②Ⅱ類型:拘束時間は1300時間分台で、実作業総計時間は1000時間分を越えている。長い連続作業がやはりみられ、例えばeの場合、出庫してから荷下ろし作業を終えて復路につくまでのあいだでとられたのは、往路での35分の食事休憩のみである。

③Ⅲ類型およびⅣ類型:拘束時間は、Ⅲ類型では約3000時間分で、Ⅳ類型では5500時間分前後と極めて長い。但し両類型の運行は数日間にわたり、また拘束時間には睡眠時間等も含まれているので、1日ごとの状況をまとめてみたところ以下の問題点がみられた(表3)。

 

表3 Ⅲ類型およびⅣ類型の、就労時間、就労間隔時間、実作業時間の状況

注1:調査日は暦日上のものであるが、fの「1日目」のみ2日目にわたっている
注2:実作業総計時間の比率は、就労時間を分母とし算出
注3:実作業各時間の比率は、実作業総計時間を分母とし算出
注4:就労間隔時間の括弧内(g,h)は、乗船終了時刻を就労時間の終わりとして算出したもの

表中(「就労時間」)の表記の説明

出社-乗船手続き  =出社時刻から、フェリーターミナルに到着し乗船手続きを終えるまで
出社-作業(翌日) =出社時刻から、同日の全作業終了時刻まで(但し翌日にわたっている)
作業-作業     =作業開始時刻から、同日の全作業終了時刻まで
作業-乗船手続き  =作業開始時刻から、フェリーターミナルに到着し乗船手続きを終えるまで
作業-帰庫     =作業開始時刻から、同日の帰庫時刻まで
下船-作業     =下船開始時刻から、同日の全作業終了時刻まで

 

第一に就労時間(便宜上設定したもので、原則として「作業開始時刻からその日の作業終了時刻まで」)が長い。9時間(540分)以上の長い事例として、「1日目」のg、「2日目」と「3日目」の全員があげられる(Ⅳ類型の場合、乗船手続きを終えてから乗船を終了するまでの時間も加えると、就労時間はさらに長くなる)。
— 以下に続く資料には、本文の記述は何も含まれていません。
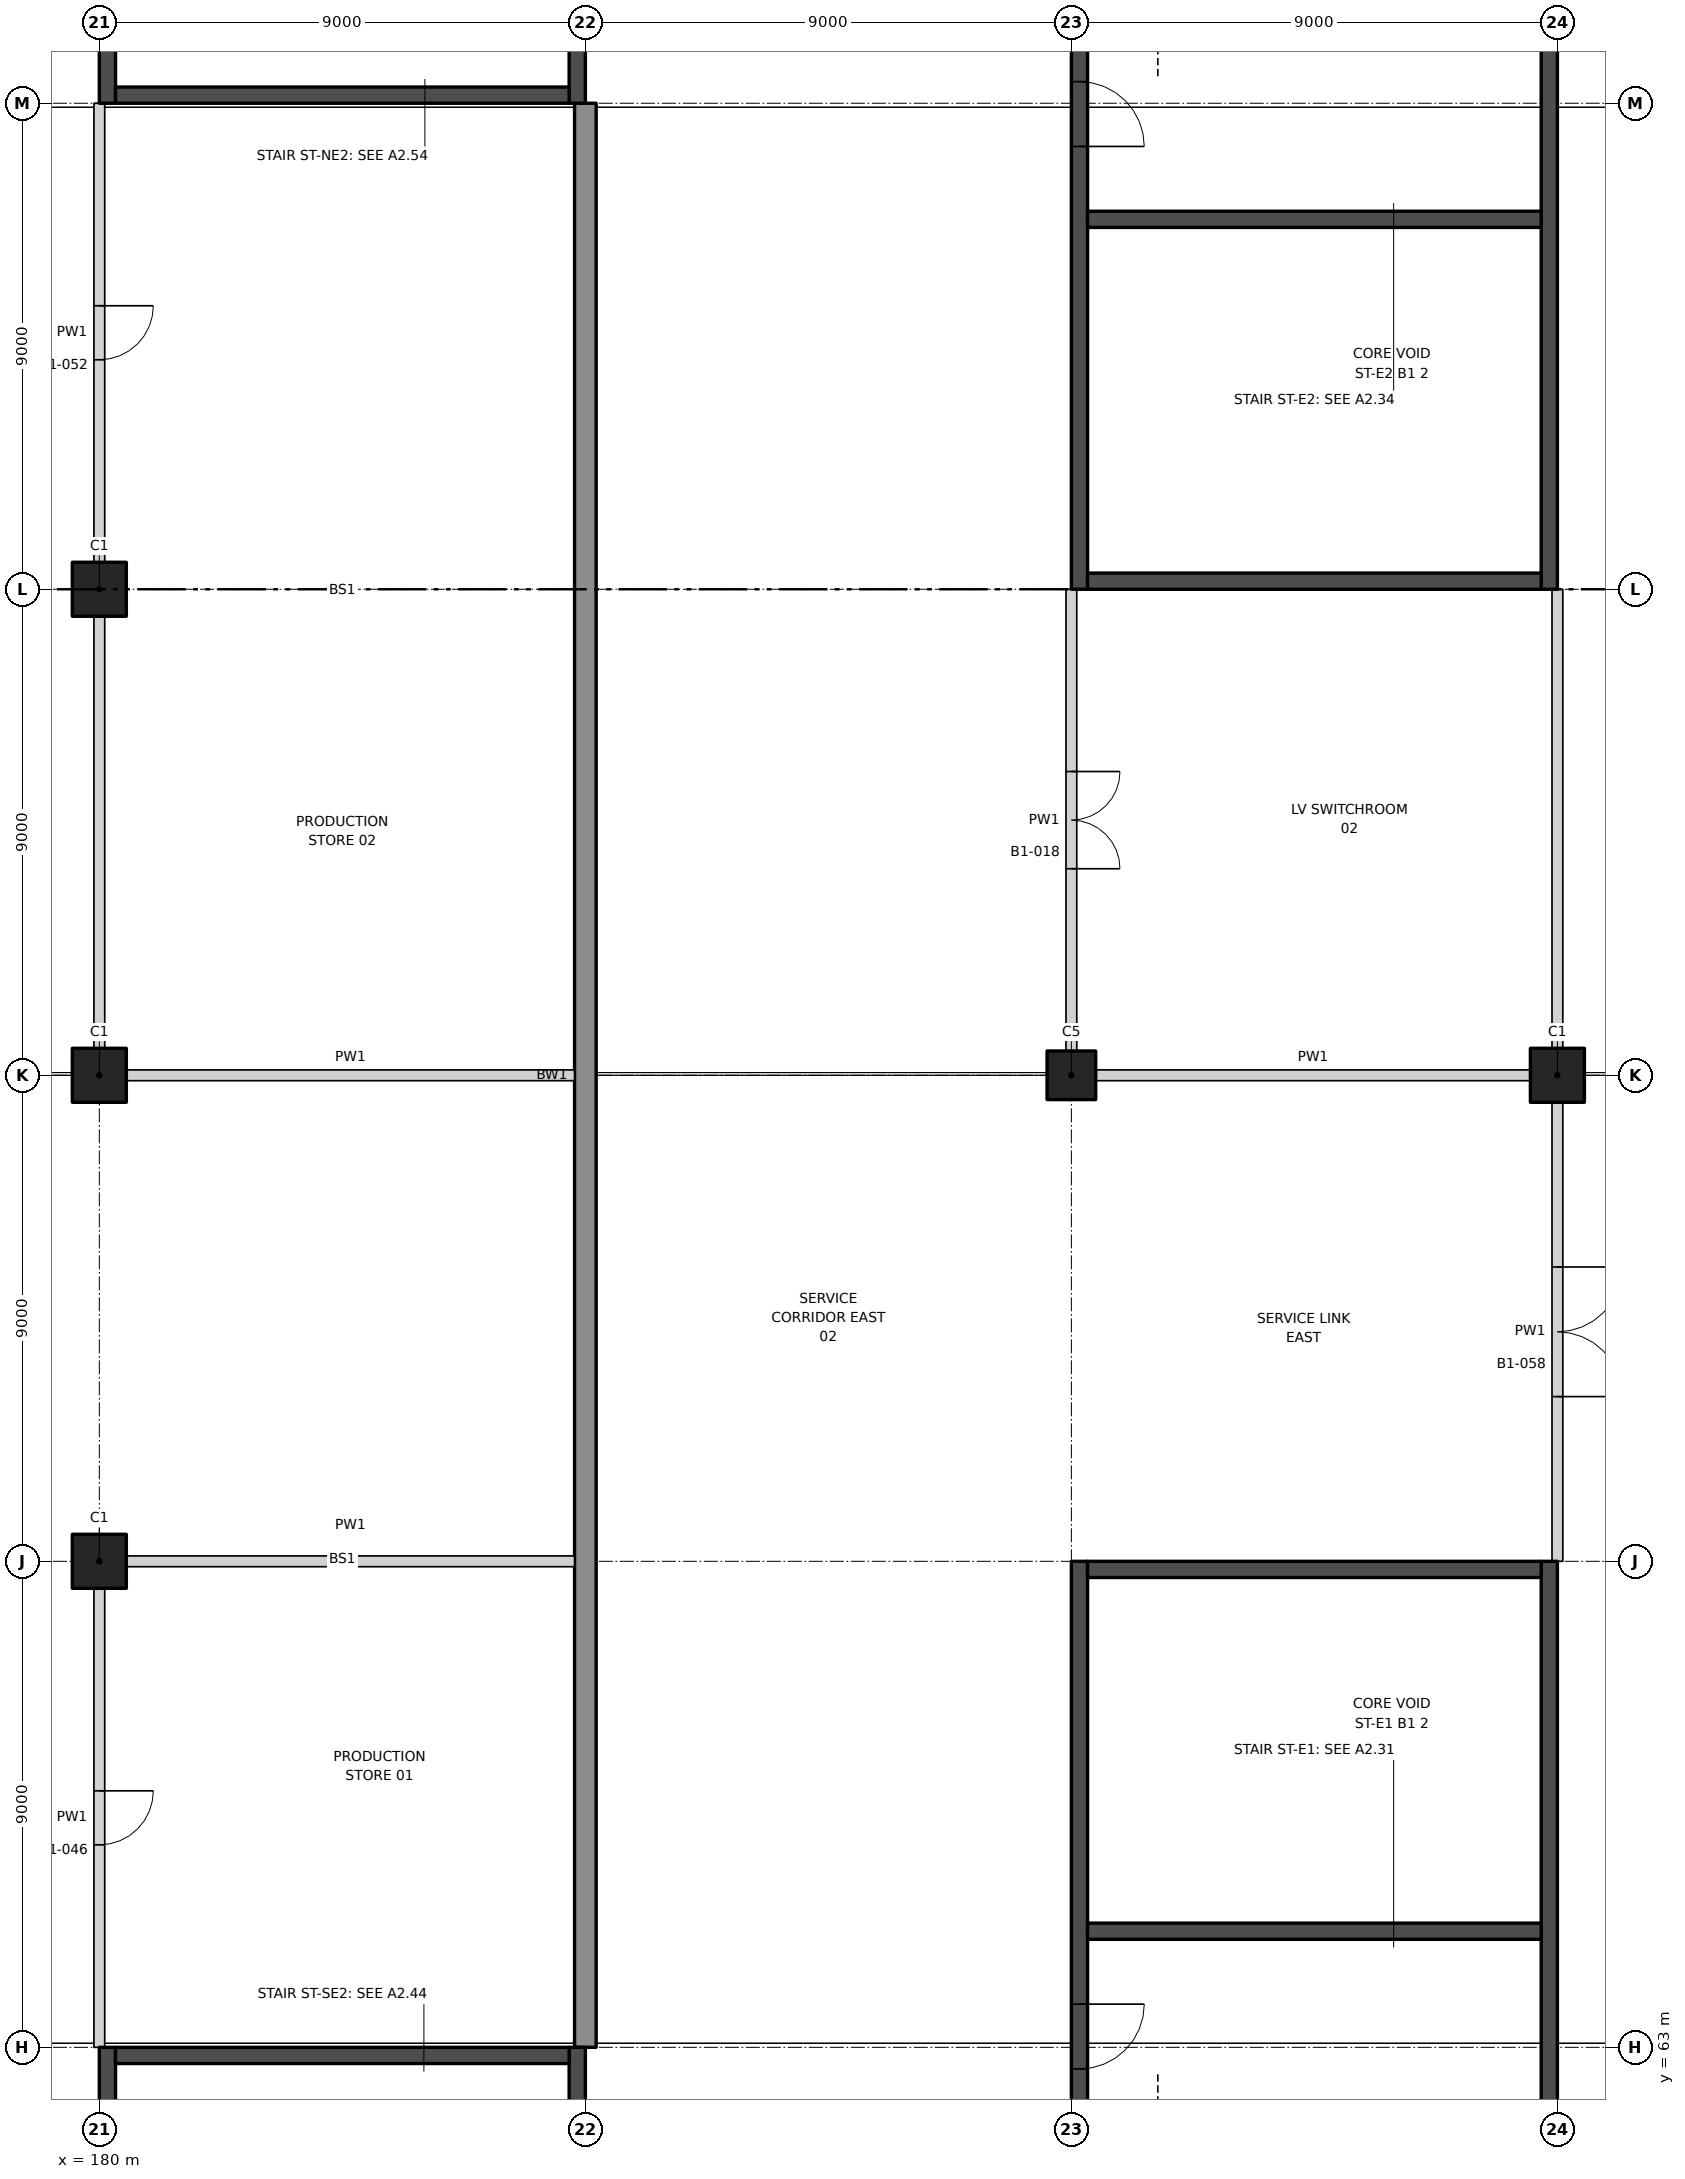
"""IFC4 building model, lengths in metres.
Left out: names, types, materials, properties, quantities, classifications, styles, units other than length and angle.
Written with IfcOpenShell. Run it as: python <this file> out.ifc"""

import sys

from ifc_helpers import new_model, si_unit, direction, frame, frame_2d, origin, origin_2d, place, context, subcontext, project, spatial, rectangle, extrude, element, fill, save


model = new_model("IFC4")
c1 = context("Model", 3, precision=1e-05, world=origin(), true_north=direction((0.0, 1.0)))
c2 = subcontext(c1, "Body", "Model", "MODEL_VIEW")
j1 = project(units=[si_unit("LENGTHUNIT", "METRE"), si_unit("PLANEANGLEUNIT", "RADIAN")], contexts=[c1])
p1 = place(None, origin())
s1 = spatial("IfcSite", under=j1, at=p1, CompositionType="ELEMENT")
p2 = place(p1, origin())
s2 = spatial("IfcBuilding", under=s1, at=p2, CompositionType="ELEMENT")
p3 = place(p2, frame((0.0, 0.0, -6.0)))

第二に就労間隔時間が短い。例えばgは、「1日目」の762分の実作業を終え、235分の乗船時間のなかで夜眠をとり、下船後はすぐに運転作業を開始し、その日は843分の実作業を行っている。(fの「1日目」と「2日目」の状況も参照。)

第三に実作業時間が長い(連続作業時間もまた長い)。実作業時間が8時間(480分)以上の長い事例としては、「1日目」のg、「2日目」の全員、「3日目」のgとfがあげられる。例えばfは、約2時間の夜眠がとられた後の「2日目」では、516分の運転作業を行い、「3日目」では、386分の運転作業と277分の荷扱い作業を行っている。またgは、「1日目」から「3日目」まで各日とも実作業時間が8時間を超えている。

 

3)睡眠生活の状況

表4 普段(勤務日)の睡眠時間、調査日前日からの睡眠状況

名前 普段の、自宅での睡眠時間 前日の退社時刻 前日から調査日までの睡眠時間 調査日の起床時刻
a 4時間 17:00 3時間 2:00
5-6時間
b 3時間 公休日 2時間 1:30
4-5時間
c1 4-5時間 17:30 4時間 0:00
7時間
c2 c1と同じ 16:30 4.5時間 0:00
d ※7時間 公休日 8時間以上 9:30
e ※6-7時間 2:30 7時間 10:00
f 7-8時間 19:00 8時間 6:30
g 8時間 公休日 8時間 6:00
h 8時間以上 公休日 8時間以上 9:00

注1:eの退社時刻のみ、調査日のもの
注2:普段の睡眠時間が二つある場合、上段は早い出社時のもの、下段は遅い出社時のもの
注3:※がついた睡眠時間は、うち数時間が不熟睡

 

普段(勤務日)の睡眠状況と調査日の睡眠状況は、表4のとおりである。

①Ⅰ類型:睡眠時間の長短はその日の出社時刻によるが、但し「長い」場合でも、5-6時間(a)または4-5時間(b)に過ぎない。出社時刻が早かったために調査日の睡眠時間は、前日は退社時刻が早かったまたは公休日であったにも拘らず、2-4.5時間である。彼らによると、「早い時刻に眠ろうとしても、なかなか眠ることはできない」(a,b)または、寝坊による遅配を防ぐために早めに出庫して手待ち時間内に睡眠を補充する(c)という。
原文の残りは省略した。